As the COVID-19 pandemic wears on, more and more workers across the country are finding themselves unemployed and without steady income. That’s caused a litany of problems — including challenges for millions of tenants struggling to make rent and utility payments without sufficient income.
Ohio Sen. Sherrod Brown today announced he is introducing a bill called the Emergency Rental Assistance and Rental Market Stabilization Act aimed specifically at those renters.
“We cannot leave behind the millions of Americans who could be facing eviction without rent relief now,” Brown said today in a series of tweets. “The last thing we want during a public health crisis is people being forced out of their homes and onto the streets.”
The proposed $100 billion aid package would be be disbursed via the U.S. Department of Housing and Urban Development’s existing Emergency Solutions Grant network, meaning that local service providers would administer the funds. Those grants are usually used to provide assistance to those experiencing homelessness or at risk of homelessness.
The bill doesn’t set forth strict income eligibility limits, but HUD will be directed to spend 40 percent of the money on families making extremely low incomes (less than 30 percent of the Area Median Income).
Seventy percent of the fund would be spent on those households plus those making less than 50 percent of AMI, or less than $26,000 a year for a single person in Cleveland.
HUD would be directed to spend the remaining 30 percent on households making up to 80 percent of AMI, or about $40,000 for a single person in Cleveland. But HUD can also grant waivers for areas with a number of households above those thresholds if they are struggling economically — up to 120 percent AMI.
Those incomes would be based on the day a household applies — meaning those who have recently experienced job losses would be eligible regardless of their previous income.
The bill has received endorsement from housing groups like the National Alliance to End Homelessness, the National Low Income Housing Coalition and others, including the Coalition On Homelessness and Housing in Ohio, which has been advocating for rent relief in future federal COVID-19 stimulus bills.
“Economists predict the coronavirus recession will continue well into 2021, yet stimulus checks are getting spent now and the extra unemployment boost expires in July,” the group said in a news release today. “If Congress doesn’t take action now on emergency rental assistance, we’ll see a tsunami of evictions that could swamp Ohio’s homeless system while we’re still dealing with the pandemic.”
While some Democrats in the U.S. House and Senate appear to support Brown’s bill, it faces an uncertain fate in Congress, which is currently wrangling with the next round of stimulus efforts to prop up the mostly locked-down U.S. economy.
This article appears in Apr 29 – May 5, 2020.


It’s only money, right? We [the government] can print lots of it whenever we need!
The proposed $100 billion aid package would be be disbursed via the U.S. Department of Housing and Urban Development’s existing Emergency Solutions Grant network, meaning that local service providers would administer the funds.
What could possibly go wrong,,,.,.
Now I see renters mentioned, how about those with a mortgage?
Either way,,, this is Sherrod so this isn’t going anywhere.

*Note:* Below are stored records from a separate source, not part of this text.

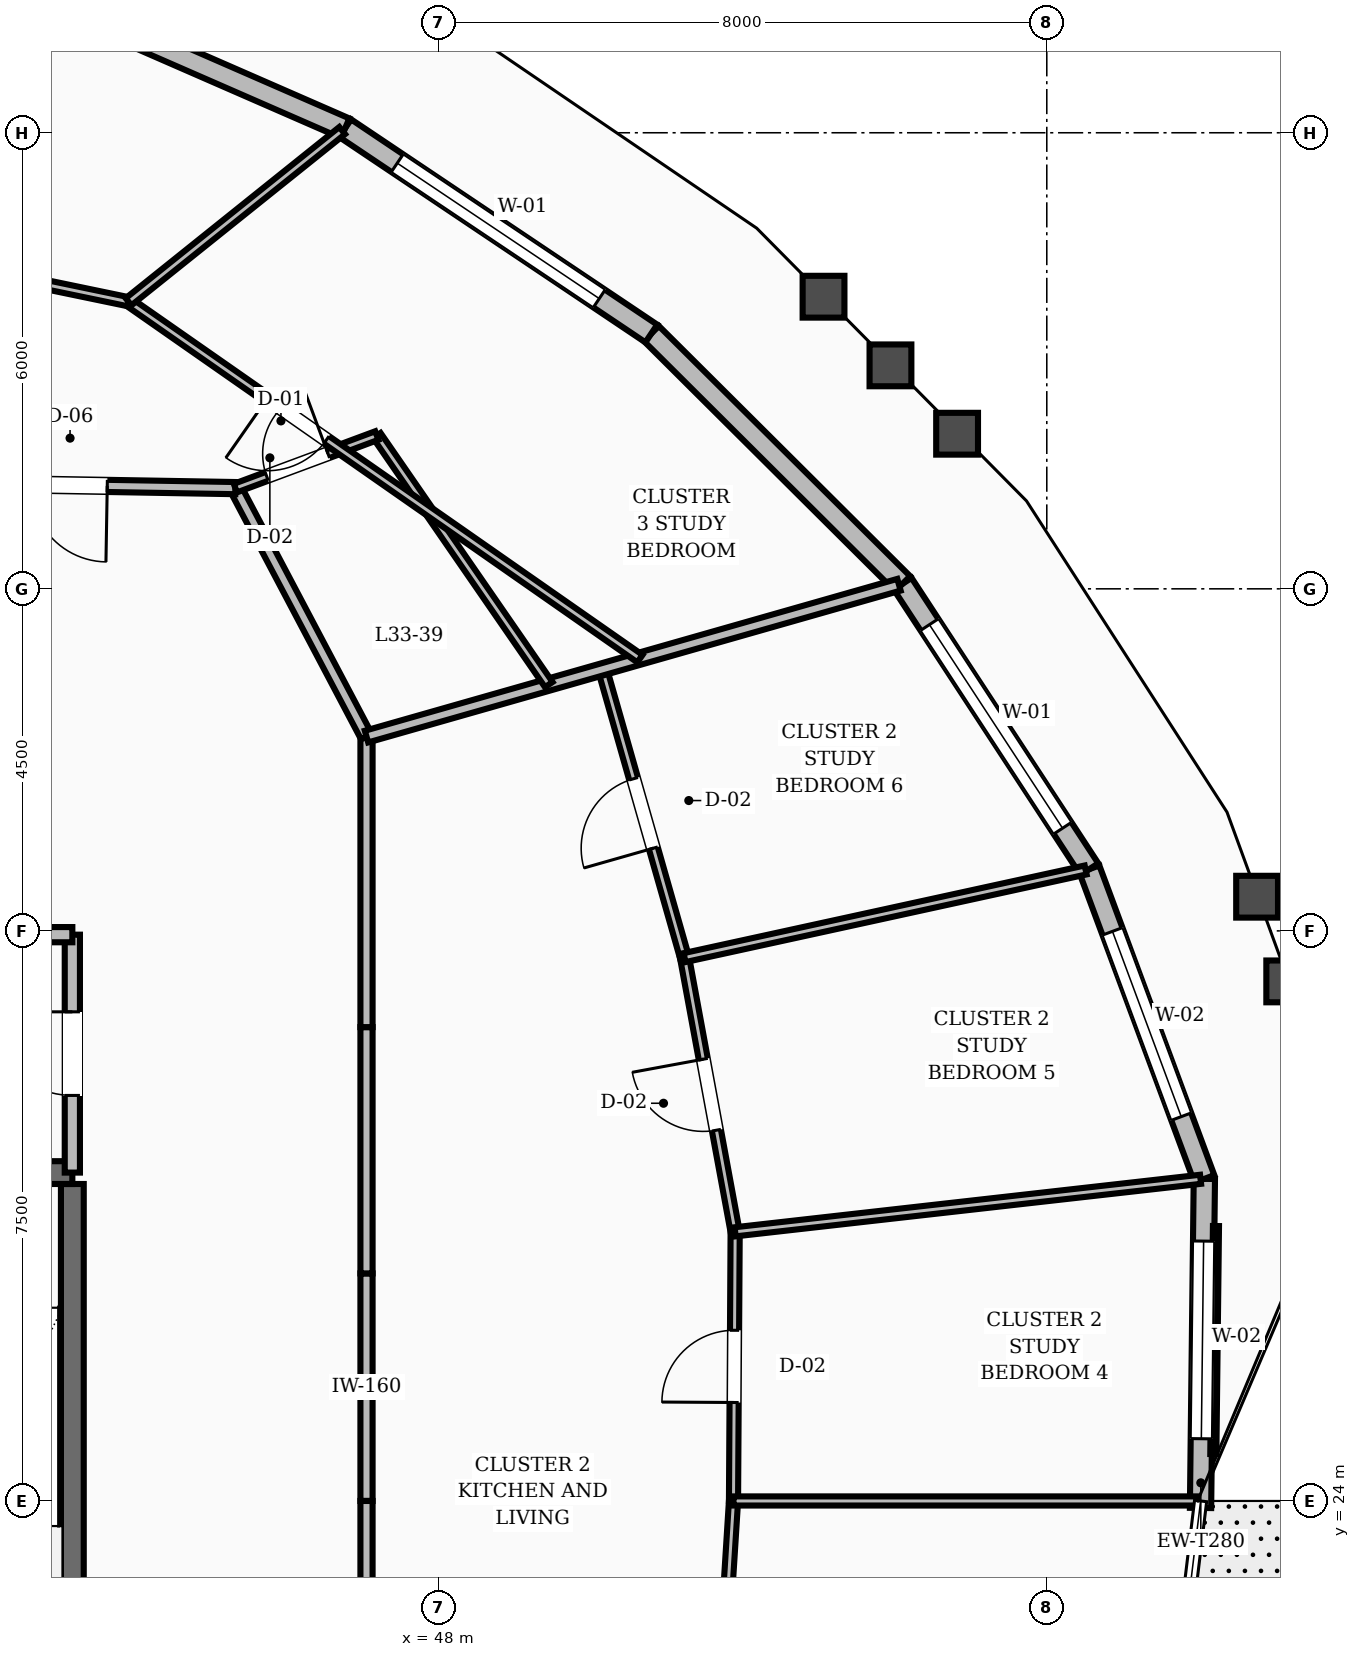
"""IFC4 building model, lengths in metres.
Left out: names, types, materials, properties, quantities, classifications, styles, units other than length and angle.
Written with IfcOpenShell. Run it as: python <this file> out.ifc"""

import sys

from ifc_helpers import new_model, si_unit, direction, frame, frame_2d, origin, place, context, subcontext, project, spatial, rectangle, extrude, element, fill, save


model = new_model("IFC4")
c1 = context("Model", 3, precision=1e-05, world=origin(), true_north=direction((0.0, 1.0)))
c2 = subcontext(c1, "Body", "Model", "MODEL_VIEW")
j1 = project(units=[si_unit("LENGTHUNIT", "METRE"), si_unit("PLANEANGLEUNIT", "RADIAN")], contexts=[c1])
p1 = place(None, origin())
s1 = spatial("IfcSite", under=j1, at=p1, CompositionType="ELEMENT")
p2 = place(p1, origin())
s2 = spatial("IfcBuilding", under=s1, at=p2, CompositionType="ELEMENT")
p3 = place(p2, frame((0.0, 0.0, 131.6)))
s3 = spatial("IfcBuildingStorey", under=s2, at=p3, CompositionType="ELEMENT", Elevation=131.6)
p4 = place(p3, frame((43.18, 19.43, 0.0), z_axis=(0.0, 0.0, 1.0), x_axis=(0.0, 1.0, 0.0)))
e1 = element("IfcWall", 1, at=p4, inside=s3, PredefinedType="SHEAR", context=c2, shape_type="SweptSolid", body=[
    extrude(rectangle(XDim=8.74, YDim=0.3, at=frame_2d((4.37, 0.0))), origin(), (0.0, 0.0, 1.0), 3.6),
])
p5 = place(p3, frame((39.58, 28.32, 0.0), z_axis=(0.0, 0.0, 1.0), x_axis=(1.0, 0.0, 0.0)))
e2 = element("IfcWall", 2, at=p5, inside=s3, PredefinedType="SHEAR", context=c2, shape_type="SweptSolid", body=[
    extrude(rectangle(XDim=3.6, YDim=0.3, at=frame_2d((1.8, 0.0))), origin(), (0.0, 0.0, 1.0), 3.6),
])
p6 = place(p5, frame((1.3, 0.0, 0.0)))
e3 = element("IfcOpeningElement", 3, at=p6, cuts=e2, PredefinedType="OPENING", context=c2, shape_type="SweptSolid", body=[
    extrude(rectangle(XDim=1.1, YDim=2.1, at=frame_2d((0.55, 1.05))), frame((0.0, 0.16, 0.0), z_axis=(0.0, -1.0, 0.0), x_axis=(1.0, 0.0, 0.0)), (0.0, 0.0, 1.0), 0.32),
])
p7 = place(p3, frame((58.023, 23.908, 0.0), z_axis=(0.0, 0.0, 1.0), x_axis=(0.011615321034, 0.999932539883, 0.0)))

How about helping out us property owners with our outrageous property taxes that just keep going up and up and up at every single election cycle thanks to voters (mostly renters) who vote yes on every single property tax levy Renewal AND increase!!!
at least he’s not saying “kill your landlord” yet
The Government cannot give something away without taking it from someone else.
Will you be on the ‘giving’ end or the ‘receiving’ end?
So let me get this right? During this pandemic, the following has happened?
People have gotten $1200 checks
People have gotten full unemployment benefits of $600 for 4 months – More than what they normally make
And are now about to have rent forgiveness?
Hmmm… And the people that don’t qualify for those get what? That isn’t even the big deal here. But at what point are people going to realize that the government can in theory “PRINT” money, but its going to come from somewhere at some point. The government isn’t just going to go in 3 -4 trillion dollars in debt and not get that money back. How about we let those people that are going on unemployment get back to work??? Even if you are far left on that idea, and you think people should have the option to stay on unemployment bc they are scared of the virus, which I would think is laziness and love free handouts, but even if you do that, I very much believe there are a bunch of people that would rather go to work and even make less than the $600 handout just so they can feel proud of what they do and provide for their family.
But we aren’t going to give them the option? What happens when the business they work at no longer exists bc the business goes under bc of this? Are we then going to give them another handout/stimulus package? How far does it go?
His wife is fat.
First Man to marry a Blimp
doesn’t anyone else find it strange that HR 748 the Corona stimulus package was introduced into congress in JANUARY 2019? 2019. a year before Corona virus.